Comment by jedwhite

1 month ago

In practice after using this for real-world test suites and evaluations, the results with Claude Code if you do this sensibly are remarkably consistent. That's because you can still write the deterministic parts as the `./run_tests.sh` bash script (or `run_tests.py` etc).

So you're using the appropriate tools for the task at hand embedded within both traditional scripts and markdown scripts.

Examples: - A bash script summarizes text files from a path in a loop - A markdown script runs `./test/run_tests.py` and summarizes the results.
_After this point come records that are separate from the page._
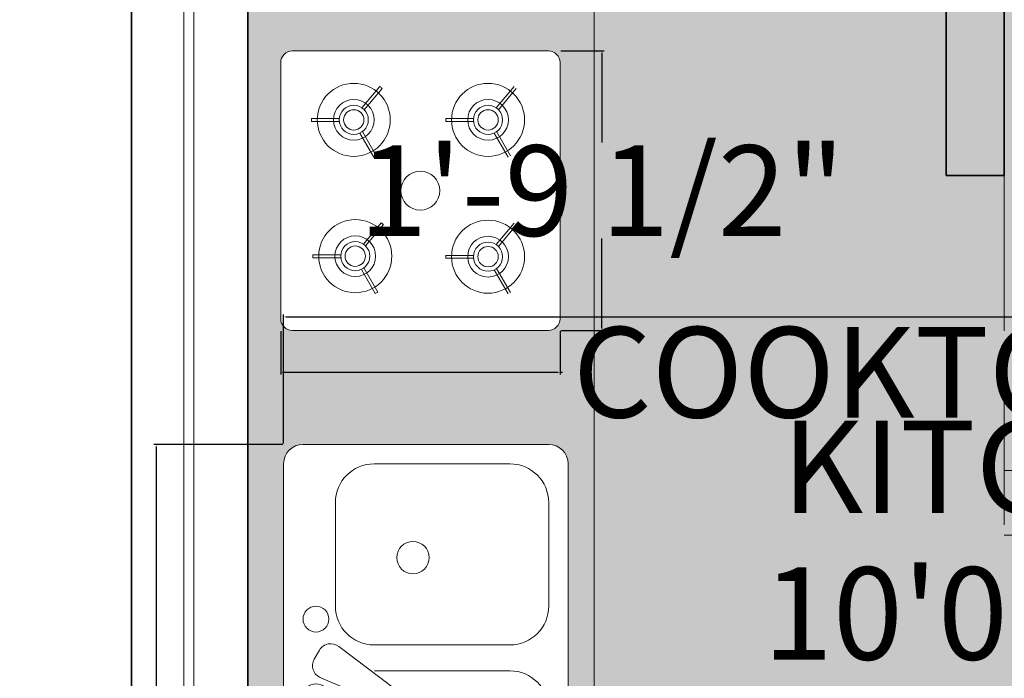
# Model space of a CAD drawing. Units: inches. Extents: x 1316 to 1777, y 813 to 1650.
# Tile 6 of 22: x 1368 to 1445, y 1284 to 1335. Entities that reach past the tile are written whole.
import ezdxf

# ---------------------------------------------------------------- set-up
doc = ezdxf.new("R2010")
doc.units = ezdxf.units.IN
doc.header["$MEASUREMENT"] = 0
doc.linetypes.add('ACAD_ISO02W100', pattern=[15, 12, -3])
for name, color, linetype, lineweight in [('A-ANNO-DIMS', 2, 'Continuous', 18), ('A-AREA-IDEN', 7, 'Continuous', 18), ('A-EQPM', 8, 'Continuous', 18), ('A-FLOR-CASE', 23, 'Continuous', 18), ('A-FLOR-CASE-PATT', 252, 'Continuous', 13), ('A-FLOR-FIXT', 8, 'Continuous', 18), ('A-WALL-OVHD', 250, 'ACAD_ISO02W100', 18), ('A-WALL-PATT', 250, 'Continuous', 13), ('furniture', 23, 'Continuous', 18), ('walls', 250, 'Continuous', 35), ('windows', 141, 'Continuous', 18)]:
    doc.layers.add(name, color=color, linetype=linetype, lineweight=lineweight)
doc.layers.add('A-FLOR-PATT', color=254, linetype='Continuous', lineweight=13, true_color=0xfeeab9)
doc.styles.add('ATT', font='TXT')
doc.styles.get("Standard").update_dxf_attribs({"font": 'arial.ttf'})
doc.dimstyles.get("Standard").update_dxf_attribs({"dimtxt": 7, "dimasz": 0.18, "dimexe": 0.18, "dimexo": 0.0625, "dimgap": 0.09, "dimtad": 0, "dimtih": 1, "dimtoh": 1, "dimzin": 0, "dimdsep": 46, "dimlunit": 3, "dimtxsty": 'Standard', "dimcen": 0.09, "dimadec": 0, "dimazin": 0, "dimtfac": 1, "dimtofl": 0, "dimtmove": 0, "dimatfit": 3, "dimfxl": 1, "dimtolj": 1, "dimtzin": 0, "dimarcsym": 0})

# ---------------------------------------------------------------- blocks, each defined once
blk = doc.blocks.new('15PSNK10')
at = {"color": 0, "linetype": 'ByBlock'}
for p, q in [((20.5, 16.5), (1.5, 16.5)), ((0, 15), (0, -15)), ((7, 15), (17.5, 15)), ((22, -15), (22, 15)), ((4, 4), (4, 12)), ((20.5, 12), (20.5, 4)), ((10.17820310567643, -3.566986483662404), (4.270020000000002, 0.8709410000000019)), ((17.5, 1), (7, 1)), ((2.365550999999996, -0.0988979999999984), (2.768423999999995, 0.5988979999999984)), ((7.038591832997624, -1), (17.5, -1)), ((2.880752999999998, -1.535340000000005), (9.678203105676431, -4.433012483662395)), ((9.678203105676431, -4.433012483662395), (10.17820310567643, -3.566986483662404)), ((4, -12), (4, -4)), ((20.5, -4), (20.5, -12)), ((17.5, -15), (7, -15)), ((1.5, -16.5), (20.5, -16.5))]:
    blk.add_line(p, q, dxfattribs=at)
for centre, radius in [((10, 7.75), 1.25), ((2.5, 3), 1), ((2.5, -3), 1), ((10, -7.75), 1.25)]:
    blk.add_circle(centre, radius, dxfattribs=at)
for centre, radius, start, end in [((1.5, 15), 1.5, 90, 180), ((20.5, 15), 1.5, 0, 90), ((7, 12), 3, 90, 180), ((17.5, 12), 3, 0, 90), ((7, 4), 3, 180, 270), ((17.5, 4), 3, 270, 0), ((3.634449000000003, 0.0988979999999984), 1, 50.537678, 150), ((3.231576000000004, -0.5988979999999984), 1, 150, 249.462322), ((17.5, -4), 3, 0, 90), ((7, -4), 3, 146.6070344853579, 180), ((7, -12), 3, 180, 270), ((17.5, -12), 3, 270, 0), ((1.5, -15), 1.5, 180, 270), ((20.5, -15), 1.5, 270, 0)]:
    blk.add_arc(centre, radius, start, end, dxfattribs=at)
at = {"color": 0, "linetype": 'ByBlock', "style": 'ATT'}
for tag, p, flags in [('ITEM', (0, -26), 3), ('ROOM_NUMBER', (0, -35), 1)]:
    blk.add_attdef(tag, p, '', height=6, dxfattribs=dict(at, flags=flags))
blk = doc.blocks.new('4bstove')
at = {"layer": 'furniture'}
for p, q in [((1452.734651100344, 1446.213675667939), (1452.734651100344, 1448.605619579717)), ((1452.984651100344, 1446.216662390849), (1452.984651100344, 1448.606641539671)), ((1464.44122432111, 1446.341246424268), (1464.44122432111, 1448.733190336046)), ((1464.69122432111, 1446.344233147178), (1464.69122432111, 1448.734212296)), ((1451.73906976938, 1444.448764170567), (1449.669037203066, 1443.253630311174)), ((1451.865811318356, 1444.233263303391), (1449.79463312554, 1443.037468016228)), ((1453.750175383867, 1444.079499707197), (1455.581487244284, 1442.54284660055)), ((1453.910173656299, 1444.271597038143), (1455.741945084313, 1442.734558308493)), ((1463.445642990145, 1444.576334926896), (1461.375610423832, 1443.381201067503)), ((1463.572384539122, 1444.36083405972), (1461.501206346306, 1443.165038772557)), ((1465.456748604633, 1444.207070463526), (1467.288060465049, 1442.670417356879)), ((1465.616746877065, 1444.399167794472), (1467.448518305079, 1442.862129064822)), ((1452.691937061862, 1434.805644860098), (1452.691937061862, 1437.197588771873)), ((1452.941937061862, 1434.808631583008), (1452.941937061862, 1437.19861073183)), ((1464.44122432111, 1434.805644860098), (1464.44122432111, 1437.197588771873)), ((1464.69122432111, 1434.808631583008), (1464.69122432111, 1437.19861073183)), ((1451.696355730898, 1433.040733362724), (1449.626323164584, 1431.845599503333)), ((1463.445642990145, 1433.040733362724), (1461.375610423832, 1431.845599503333)), ((1451.823097279874, 1432.82523249555), (1449.751919087058, 1431.629437208387)), ((1453.707461345386, 1432.671468899352), (1455.538773205802, 1431.134815792708)), ((1453.867459617818, 1432.863566230298), (1455.699231045831, 1431.326527500652)), ((1463.572384539122, 1432.82523249555), (1461.501206346306, 1431.629437208387)), ((1465.456748604633, 1432.671468899352), (1467.288060465049, 1431.134815792708)), ((1465.616746877065, 1432.863566230298), (1467.448518305079, 1431.326527500652))]:
    blk.add_line(p, q, dxfattribs=at)
for points in [[(1447.502363082413, 1427.379846129004), (1469.502363082413, 1427.379846129004, 0.4142135623730951), (1470.502363082413, 1428.379846129004), (1470.502363082413, 1450.379846129006, 0.4142135623730951), (1469.502363082413, 1451.379846129006), (1447.502363082413, 1451.379846129006, 0.4142135623730966), (1446.502363082413, 1450.379846129006), (1446.502363082413, 1428.379846129004, 0.4142135623730935)], [(1453.749508788236, 1444.971524377983, 1), (1451.999508788236, 1444.971524377983, 1)], [(1465.456082009002, 1445.099095134312, 1), (1463.706082009001, 1445.099095134312, 1)], [(1453.706794749754, 1433.563493570142, 1), (1451.956794749754, 1433.563493570142, 1)], [(1465.456082009002, 1433.563493570142, 1), (1463.706082009001, 1433.563493570142, 1)]]:
    blk.add_lwpolyline(points, format="xyb", close=True, dxfattribs=at)
for points in [[(1454.124508788236, 1444.971524377983, 0.9999999673531919), (1451.624508788236, 1444.971524377983, 0.9999999673531919), (1454.124508788236, 1444.971524377983, 0.9999999673531919)], [(1465.831082009002, 1445.099095134312, 1), (1463.331082009001, 1445.099095134312, 1), (1465.831082009002, 1445.099095134312, 1)], [(1454.081794749754, 1433.563493570142, 0.9999999673531919), (1451.581794749754, 1433.563493570142, 0.9999999673531919), (1454.081794749754, 1433.563493570142, 0.9999999673531919)], [(1465.831082009002, 1433.563493570142, 1), (1463.331082009001, 1433.563493570142, 1), (1465.831082009002, 1433.563493570142, 1)]]:
    blk.add_lwpolyline(points, format="xyb", dxfattribs=at)
for centre, radius in [((1452.874508788236, 1444.971524377983), 3.136785408586831), ((1464.581082009001, 1445.099095134312), 3.136785408586831), ((1452.874508788236, 1444.971524377983), 1.75), ((1464.581082009001, 1445.099095134312), 1.75), ((1458.502363082413, 1439.379846129004), 1.670451188942094), ((1452.831794749754, 1433.563493570142), 3.136785408586831), ((1464.581082009001, 1433.563493570142), 3.136785408586831), ((1452.831794749754, 1433.563493570142), 1.75), ((1464.581082009001, 1433.563493570142), 1.75)]:
    blk.add_circle(centre, radius, dxfattribs=at)
for centre, start, end in [((1452.874508788236, 1444.971524377983), 88.2644962424337, 92.20393308675509), ((1464.581082009001, 1445.099095134312), 88.2644962424337, 92.20393308675509), ((1452.874508788236, 1444.971524377983), 208.1879938332412, 212.1274126783975), ((1464.581082009001, 1445.099095134312), 208.1879938332412, 212.1274126783975), ((1452.874508788236, 1444.971524377983), 318.1018185131579, 322.0412255005968), ((1464.581082009001, 1445.099095134312), 318.1018185131579, 322.0412255005968), ((1452.831794749754, 1433.563493570142), 88.2644962424337, 92.20393308675509), ((1464.581082009001, 1433.563493570142), 88.2644962424337, 92.20393308675509)]:
    blk.add_arc(centre, 3.636785408586831, start, end, dxfattribs=at)
blk = doc.blocks.new('stove')
at = {"layer": 'furniture', "xscale": 0.9, "yscale": 0.9, "zscale": 0.9, "rotation": 89.99999999999999}
blk.add_blockref('4bstove', (1295.441862106323, -1312.652126789093), dxfattribs=at)
blk = doc.blocks.new('*D36')
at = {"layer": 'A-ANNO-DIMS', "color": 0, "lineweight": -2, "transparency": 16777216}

Tools like Claude code combined with executable scripts and pipes open up a genuinely new way of doing tasks that are traditionally hard with scripting languages alone. I expect we will see a mix of borth approaches where each gets used based on its strengths, as we're seeing with application development too.

It is a new world and we're all figuring this out.

[Edit for style]

2 comments

jedwhite

akdev1l 1 month ago

I mean in such case it is equivalent to like `do-something | llm “summarize the thing”`

Personally I see “prompt scripting” as strictly worse than code

cannot even modify some part of the prompt without being sure that there won’t be random side effects

And from what I’ve seen these prompts can(and do tend to) grow into possibly hundreds of lines as they become more specific and people try to “patch” the edge cases.

It ends up being like code but strictly worse.

jedwhite 1 month ago

One of the advantages of using executable Markdown files with pipe support is that it allows you to create composable building blocks that can be chained together.
So you can build individual prompt-based scripts (format.md, summarize.md etc.) that are each small, simple and focused on a single task. Then you can chain those prompt scripts together with regular command line tools and bash scripts.
I find that approach quite powerful, and it helps overcome the need for massive prompts. They can also be invoked from within Claude Code in interactive mode.